Satelit Kosmos 482: Misi Gagal ke Venus, Jatuh ke Bumi?

Kosmos 482, diluncurkan pada Maret 1972, merupakan wahana antariksa yang bertujuan mendarat di Venus. Namun misi tersebut gagal, dan satelit tersebut terjebak dalam orbit Bumi yang elips.

Profesor Thomas Djamaluddin, Peneliti Astronomi dan Astrofisika BRIN, menjelaskan bahwa orbit Kosmos 482 terus menurun karena hambatan atmosfer.

Jatuhnya satelit ini diperkirakan terjadi antara 7 hingga 13 Mei 2025. Bobot totalnya mencapai 1,2 ton, dengan wahana pendarat seberat 0,5 ton yang diperkirakan jatuh dalam kondisi utuh.

Potensi Bahaya dan Upaya Pemantauan

Indonesia termasuk dalam wilayah yang berpotensi terkena dampak jatuhnya satelit ini. Namun, kemungkinan jatuhnya puing-puing di daerah berpenduduk sangat rendah.

BRIN, ITERA, dan komunitas pemantau langit lainnya terus memantau pergerakan Kosmos 482. Analisis orbit dan sky camera digunakan untuk meminimalkan risiko.

Meskipun risiko rendah, pemantauan tetap penting. Ancaman sampah antariksa terhadap keselamatan peluncuran dan operasi satelit aktif di orbit perlu diwaspadai.

Cara Memantau Pergerakan Kosmos 482

Masyarakat dapat memantau pergerakan Kosmos 482 secara langsung melalui situs N2YO.com.

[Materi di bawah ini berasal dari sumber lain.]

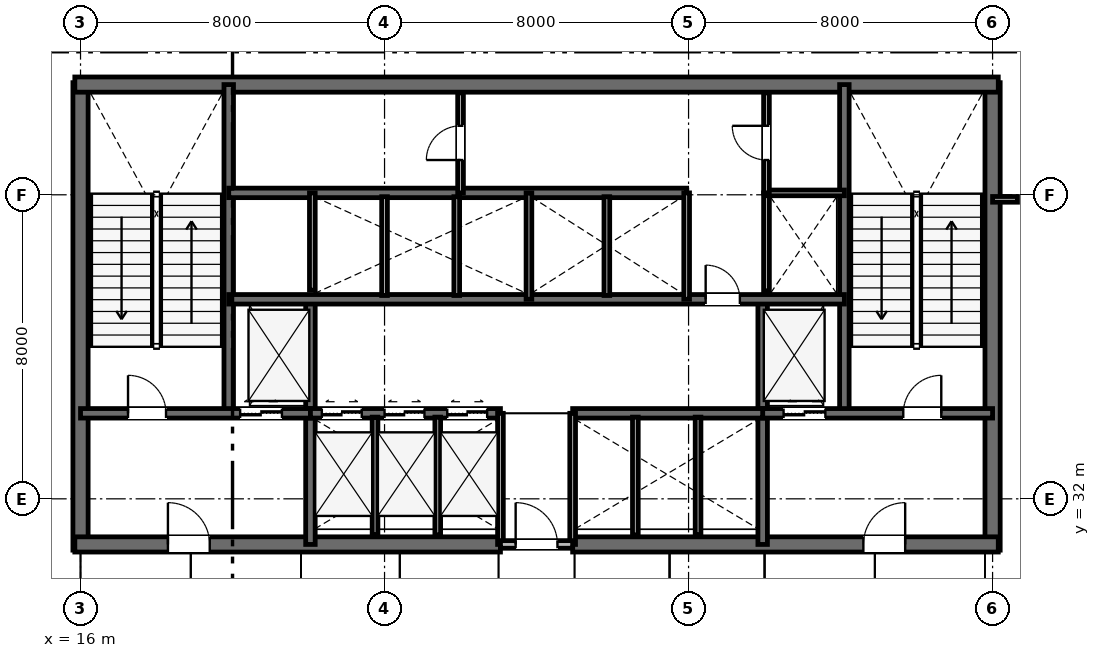
"""IFC4 building model, lengths in metres.
Left out: names, types, materials, properties, quantities, classifications, styles, units other than length and angle.
Written with IfcOpenShell. Run it as: python <this file> out.ifc"""

import sys

from ifc_helpers import new_model, si_unit, direction, frame, frame_2d, origin, place, context, subcontext, project, spatial, rectangle, extrude, element, fill, save


model = new_model("IFC4")
c1 = context("Model", 3, precision=1e-05, world=origin(), true_north=direction((0.0, 1.0)))
c2 = subcontext(c1, "Body", "Model", "MODEL_VIEW")
j1 = project(units=[si_unit("LENGTHUNIT", "METRE"), si_unit("PLANEANGLEUNIT", "RADIAN")], contexts=[c1])
p1 = place(None, origin())
s1 = spatial("IfcSite", under=j1, at=p1, CompositionType="ELEMENT")
p2 = place(p1, origin())
s2 = spatial("IfcBuilding", under=s1, at=p2, CompositionType="ELEMENT")
p3 = place(p2, frame((0.0, 0.0, 21.3)))
s3 = spatial("IfcBuildingStorey", under=s2, at=p3, CompositionType="ELEMENT", Elevation=21.3)
for number, where, z_axis, x_axis in (
    (1, (16.0, 30.65, 0.0), (0.0, 0.0, 1.0), (0.0, 1.0, 0.0)),
    (2, (40.0, 30.65, 0.0), (0.0, 0.0, 1.0), (0.0, 1.0, 0.0)),
):
    element("IfcWall", number, at=place(p3, frame(where, z_axis=z_axis, x_axis=x_axis)), inside=s3, PredefinedType="SHEAR", context=c2, shape_type="SweptSolid", body=[
        extrude(rectangle(XDim=12.3, YDim=0.4, at=frame_2d((6.15, 0.0))), origin(), (0.0, 0.0, 1.0), 4.5),
    ])
p4 = place(p3, frame((15.85, 42.9, 0.0), z_axis=(0.0, 0.0, 1.0), x_axis=(1.0, 0.0, 0.0)))
e3 = element("IfcWall", 3, at=p4, inside=s3, PredefinedType="SHEAR", context=c2, shape_type="SweptSolid", body=[
    extrude(rectangle(XDim=24.3, YDim=0.4, at=frame_2d((12.15, 0.0))), origin(), (0.0, 0.0, 1.0), 4.5),
])
p5 = place(p3, frame((15.85, 30.8, 0.0), z_axis=(0.0, 0.0, 1.0), x_axis=(1.0, 0.0, 0.0)))
e4 = element("IfcWall", 4, at=p5, inside=s3, PredefinedType="SHEAR", context=c2, shape_type="SweptSolid", body=[
    extrude(rectangle(XDim=11.2, YDim=0.4, at=frame_2d((5.6, 0.0))), origin(), (0.0, 0.0, 1.0), 4.5),
])
p6 = place(p5, frame((2.45, 0.0, 0.0)))
e5 = element("IfcOpeningElement", 5, at=p6, cuts=e4, PredefinedType="OPENING", context=c2, shape_type="SweptSolid", body=[
    extrude(rectangle(XDim=1.1, YDim=2.15, at=frame_2d((0.55, 1.075))), frame((0.0, 0.21, 0.0), z_axis=(0.0, -1.0, 0.0), x_axis=(1.0, 0.0, 0.0)), (0.0, 0.0, 1.0), 0.42),
])
p7 = place(p3, frame((28.95, 30.8, 0.0), z_axis=(0.0, 0.0, 1.0), x_axis=(1.0, 0.0, 0.0)))
e6 = element("IfcWall", 6, at=p7, inside=s3, PredefinedType="SHEAR", context=c2, shape_type="SweptSolid", body=[
    extrude(rectangle(XDim=11.2, YDim=0.4, at=frame_2d((5.6, 0.0))), origin(), (0.0, 0.0, 1.0), 4.5),
])
p8 = place(p7, frame((7.65, 0.0, 0.0)))
e7 = element("IfcOpeningElement", 7, at=p8, cuts=e6, PredefinedType="OPENING", context=c2, shape_type="SweptSolid", body=[
    extrude(rectangle(XDim=1.1, YDim=2.15, at=frame_2d((0.55, 1.075))), frame((0.0, 0.21, 0.0), z_axis=(0.0, -1.0, 0.0), x_axis=(1.0, 0.0, 0.0)), (0.0, 0.0, 1.0), 0.42),
])
for number, where, z_axis, x_axis in (
    (8, (19.9, 34.25, 0.0), (0.0, 0.0, 1.0), (0.0, 1.0, 0.0)),
    (9, (36.1, 34.25, 0.0), (0.0, 0.0, 1.0), (0.0, 1.0, 0.0)),
):
    element("IfcWall", number, at=place(p3, frame(where, z_axis=z_axis, x_axis=x_axis)), inside=s3, PredefinedType="SHEAR", context=c2, shape_type="SweptSolid", body=[
        extrude(rectangle(XDim=8.65, YDim=0.25, at=frame_2d((4.325, 0.0))), origin(), (0.0, 0.0, 1.0), 4.5),
    ])
for number, where, z_axis, x_axis in (
    (10, (22.05, 30.8, 0.0), (0.0, 0.0, 1.0), (0.0, 1.0, 0.0)),
    (11, (33.95, 30.8, 0.0), (0.0, 0.0, 1.0), (0.0, 1.0, 0.0)),
):
    element("IfcWall", number, at=place(p3, frame(where, z_axis=z_axis, x_axis=x_axis)), inside=s3, PredefinedType="SHEAR", context=c2, shape_type="SweptSolid", body=[
        extrude(rectangle(XDim=6.45, YDim=0.25, at=frame_2d((3.225, 0.0))), origin(), (0.0, 0.0, 1.0), 4.5),
    ])
p9 = place(p3, frame((16.0, 34.25, 0.0), z_axis=(0.0, 0.0, 1.0), x_axis=(1.0, 0.0, 0.0)))
e12 = element("IfcWall", 12, at=p9, inside=s3, PredefinedType="SHEAR", context=c2, shape_type="SweptSolid", body=[
    extrude(rectangle(XDim=6.05, YDim=0.25, at=frame_2d((3.025, 0.0))), origin(), (0.0, 0.0, 1.0), 4.5),
])
p10 = place(p9, frame((1.25, 0.0, 0.0)))
e13 = element("IfcOpeningElement", 13, at=p10, cuts=e12, PredefinedType="OPENING", context=c2, shape_type="SweptSolid", body=[
    extrude(rectangle(XDim=1.0, YDim=2.15, at=frame_2d((0.5, 1.075))), frame((0.0, 0.135, 0.0), z_axis=(0.0, -1.0, 0.0), x_axis=(1.0, 0.0, 0.0)), (0.0, 0.0, 1.0), 0.27),
])
p11 = place(p9, frame((4.2, 0.0, 0.0)))
e14 = element("IfcOpeningElement", 14, at=p11, cuts=e12, PredefinedType="OPENING", context=c2, shape_type="SweptSolid", body=[
    extrude(rectangle(XDim=1.1, YDim=2.15, at=frame_2d((0.55, 1.075))), frame((0.0, 0.135, 0.0), z_axis=(0.0, -1.0, 0.0), x_axis=(1.0, 0.0, 0.0)), (0.0, 0.0, 1.0), 0.27),
])
p12 = place(p3, frame((33.95, 34.25, 0.0), z_axis=(0.0, 0.0, 1.0), x_axis=(1.0, 0.0, 0.0)))
e15 = element("IfcWall", 15, at=p12, inside=s3, PredefinedType="SHEAR", context=c2, shape_type="SweptSolid", body=[
    extrude(rectangle(XDim=6.05, YDim=0.25, at=frame_2d((3.025, 0.0))), origin(), (0.0, 0.0, 1.0), 4.5),
])
p13 = place(p12, frame((3.7, 0.0, 0.0)))
e16 = element("IfcOpeningElement", 16, at=p13, cuts=e15, PredefinedType="OPENING", context=c2, shape_type="SweptSolid", body=[
    extrude(rectangle(XDim=1.0, YDim=2.15, at=frame_2d((0.5, 1.075))), frame((0.0, 0.135, 0.0), z_axis=(0.0, -1.0, 0.0), x_axis=(1.0, 0.0, 0.0)), (0.0, 0.0, 1.0), 0.27),
])
p14 = place(p12, frame((0.55, 0.0, 0.0)))
e17 = element("IfcOpeningElement", 17, at=p14, cuts=e15, PredefinedType="OPENING", context=c2, shape_type="SweptSolid", body=[
    extrude(rectangle(XDim=1.1, YDim=2.15, at=frame_2d((0.55, 1.075))), frame((0.0, 0.135, 0.0), z_axis=(0.0, -1.0, 0.0), x_axis=(1.0, 0.0, 0.0)), (0.0, 0.0, 1.0), 0.27),
])
p15 = place(p3, frame((22.05, 34.25, 0.0), z_axis=(0.0, 0.0, 1.0), x_axis=(1.0, 0.0, 0.0)))
e18 = element("IfcWall", 18, at=p15, inside=s3, PredefinedType="SHEAR", context=c2, shape_type="SweptSolid", body=[
    extrude(rectangle(XDim=5.0, YDim=0.25, at=frame_2d((2.5, 0.0))), origin(), (0.0, 0.0, 1.0), 4.5),
])
p16 = place(p15, frame((0.3, 0.0, 0.0)))
e19 = element("IfcOpeningElement", 19, at=p16, cuts=e18, PredefinedType="OPENING", context=c2, shape_type="SweptSolid", body=[
    extrude(rectangle(XDim=1.05, YDim=2.15, at=frame_2d((0.525, 1.075))), frame((0.0, 0.135, 0.0), z_axis=(0.0, -1.0, 0.0), x_axis=(1.0, 0.0, 0.0)), (0.0, 0.0, 1.0), 0.27),
])
p17 = place(p15, frame((1.95, 0.0, 0.0)))
e20 = element("IfcOpeningElement", 20, at=p17, cuts=e18, PredefinedType="OPENING", context=c2, shape_type="SweptSolid", body=[
    extrude(rectangle(XDim=1.05, YDim=2.15, at=frame_2d((0.525, 1.075))), frame((0.0, 0.135, 0.0), z_axis=(0.0, -1.0, 0.0), x_axis=(1.0, 0.0, 0.0)), (0.0, 0.0, 1.0), 0.27),
])
p18 = place(p15, frame((3.6, 0.0, 0.0)))
e21 = element("IfcOpeningElement", 21, at=p18, cuts=e18, PredefinedType="OPENING", context=c2, shape_type="SweptSolid", body=[
    extrude(rectangle(XDim=1.05, YDim=2.15, at=frame_2d((0.525, 1.075))), frame((0.0, 0.135, 0.0), z_axis=(0.0, -1.0, 0.0), x_axis=(1.0, 0.0, 0.0)), (0.0, 0.0, 1.0), 0.27),
])
p19 = place(p3, frame((28.95, 34.25, 0.0), z_axis=(0.0, 0.0, 1.0), x_axis=(1.0, 0.0, 0.0)))
e22 = element("IfcWall", 22, at=p19, inside=s3, PredefinedType="SHEAR", context=c2, shape_type="SweptSolid", body=[
    extrude(rectangle(XDim=5.0, YDim=0.25, at=frame_2d((2.5, 0.0))), origin(), (0.0, 0.0, 1.0), 4.5),
])
p20 = place(p3, frame((19.9, 37.25, 0.0), z_axis=(0.0, 0.0, 1.0), x_axis=(1.0, 0.0, 0.0)))
e23 = element("IfcWall", 23, at=p20, inside=s3, PredefinedType="SHEAR", context=c2, shape_type="SweptSolid", body=[
    extrude(rectangle(XDim=16.2, YDim=0.25, at=frame_2d((8.1, 0.0))), origin(), (0.0, 0.0, 1.0), 4.5),
])
p21 = place(p20, frame((12.55, 0.0, 0.0)))
e24 = element("IfcOpeningElement", 24, at=p21, cuts=e23, PredefinedType="OPENING", context=c2, shape_type="SweptSolid", body=[
    extrude(rectangle(XDim=0.9, YDim=2.15, at=frame_2d((0.45, 1.075))), frame((0.0, 0.135, 0.0), z_axis=(0.0, -1.0, 0.0), x_axis=(1.0, 0.0, 0.0)), (0.0, 0.0, 1.0), 0.27),
])
p22 = place(p3, frame((19.9, 40.05, 0.0), z_axis=(0.0, 0.0, 1.0), x_axis=(1.0, 0.0, 0.0)))
e25 = element("IfcWall", 25, at=p22, inside=s3, PredefinedType="SHEAR", context=c2, shape_type="SweptSolid", body=[
    extrude(rectangle(XDim=12.05, YDim=0.25, at=frame_2d((6.025, 0.0))), origin(), (0.0, 0.0, 1.0), 4.5),
])
for number, where, z_axis, x_axis in (
    (26, (27.05, 30.8, 0.0), (0.0, 0.0, 1.0), (0.0, 1.0, 0.0)),
    (27, (28.95, 30.8, 0.0), (0.0, 0.0, 1.0), (0.0, 1.0, 0.0)),
):
    element("IfcWall", number, at=place(p3, frame(where, z_axis=z_axis, x_axis=x_axis)), inside=s3, PredefinedType="PLUMBINGWALL", context=c2, shape_type="SweptSolid", body=[
        extrude(rectangle(XDim=3.45, YDim=0.15, at=frame_2d((1.725, 0.0))), origin(), (0.0, 0.0, 1.0), 4.23),
    ])
p23 = place(p3, frame((27.05, 30.8, 0.0), z_axis=(0.0, 0.0, 1.0), x_axis=(1.0, 0.0, 0.0)))
e28 = element("IfcWall", 28, at=p23, inside=s3, PredefinedType="PARTITIONING", context=c2, shape_type="SweptSolid", body=[
    extrude(rectangle(XDim=1.9, YDim=0.2, at=frame_2d((0.95, 0.0))), origin(), (0.0, 0.0, 1.0), 4.23),
])
p24 = place(p23, frame((0.4, 0.0, 0.0)))
e29 = element("IfcOpeningElement", 29, at=p24, cuts=e28, PredefinedType="OPENING", context=c2, shape_type="SweptSolid", body=[
    extrude(rectangle(XDim=1.1, YDim=2.15, at=frame_2d((0.55, 1.075))), frame((0.0, 0.11, 0.0), z_axis=(0.0, -1.0, 0.0), x_axis=(1.0, 0.0, 0.0)), (0.0, 0.0, 1.0), 0.22),
])
for number, where, z_axis, x_axis in (
    (30, (23.75, 31.05, 0.0), (0.0, 0.0, 1.0), (0.0, 1.0, 0.0)),
    (31, (25.4, 31.05, 0.0), (0.0, 0.0, 1.0), (0.0, 1.0, 0.0)),
    (32, (30.6, 31.05, 0.0), (0.0, 0.0, 1.0), (0.0, 1.0, 0.0)),
    (33, (32.25, 31.05, 0.0), (0.0, 0.0, 1.0), (0.0, 1.0, 0.0)),
):
    element("IfcWall", number, at=place(p3, frame(where, z_axis=z_axis, x_axis=x_axis)), inside=s3, PredefinedType="PLUMBINGWALL", context=c2, shape_type="SweptSolid", body=[
        extrude(rectangle(XDim=3.1, YDim=0.15, at=frame_2d((1.55, 0.0))), origin(), (0.0, 0.0, 1.0), 4.23),
    ])
p25 = place(p3, frame((22.1, 37.49, 0.0), z_axis=(0.0, 0.0, 1.0), x_axis=(0.0, 1.0, 0.0)))
e34 = element("IfcWall", 34, at=p25, inside=s3, PredefinedType="PLUMBINGWALL", context=c2, shape_type="SweptSolid", body=[
    extrude(rectangle(XDim=2.56, YDim=0.15, at=frame_2d((1.28, 0.0))), origin(), (0.0, 0.0, 1.0), 4.23),
])
p26 = place(p3, frame((27.8, 37.25, 0.0), z_axis=(0.0, 0.0, 1.0), x_axis=(0.0, 1.0, 0.0)))
e35 = element("IfcWall", 35, at=p26, inside=s3, PredefinedType="PLUMBINGWALL", context=c2, shape_type="SweptSolid", body=[
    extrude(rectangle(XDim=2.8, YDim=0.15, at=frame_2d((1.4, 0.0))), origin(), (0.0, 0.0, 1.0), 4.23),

Cukup ketik “Kosmos 482” atau “Cosmos 482” di kolom pencarian. Situs ini akan menampilkan posisi real-time satelit, termasuk koordinat, waktu, elevasi, dan kecepatan.

Penting untuk memperhatikan ketinggian satelit. Ketika ketinggian mendekati 120 km, satelit akan memasuki atmosfer yang lebih padat. Proses pengereman atmosfer akan semakin kuat, dan satelit berpotensi jatuh dalam beberapa menit.

Data dari N2YO.com memberikan detail posisi Kosmos 482 secara akurat, membantu masyarakat dan peneliti melacak pergerakannya hingga akhirnya jatuh ke Bumi.

Jumlah sampah antariksa terus meningkat. Sekitar 24.000 objek telah tercatat, dengan 19.000 di antaranya telah dikatalogkan oleh Space-Track. Namun, masih banyak objek berukuran kecil yang belum terdeteksi, diperkirakan mencapai ratusan juta.

Indonesia, dengan garis pantai terpanjang kedua di dunia, sangat rentan terhadap dampak jatuhnya sampah antariksa. Pemantauan dan mitigasi risiko tetap menjadi hal krusial untuk melindungi keselamatan dan keamanan nasional.

Kejadian jatuhnya satelit Kosmos 482 ini menjadi pengingat akan pentingnya kesadaran global terhadap pencemaran antariksa dan perlu adanya kerjasama internasional dalam mengelola sampah antariksa agar risiko jatuhnya puing-puing ke Bumi dapat diminimalisir.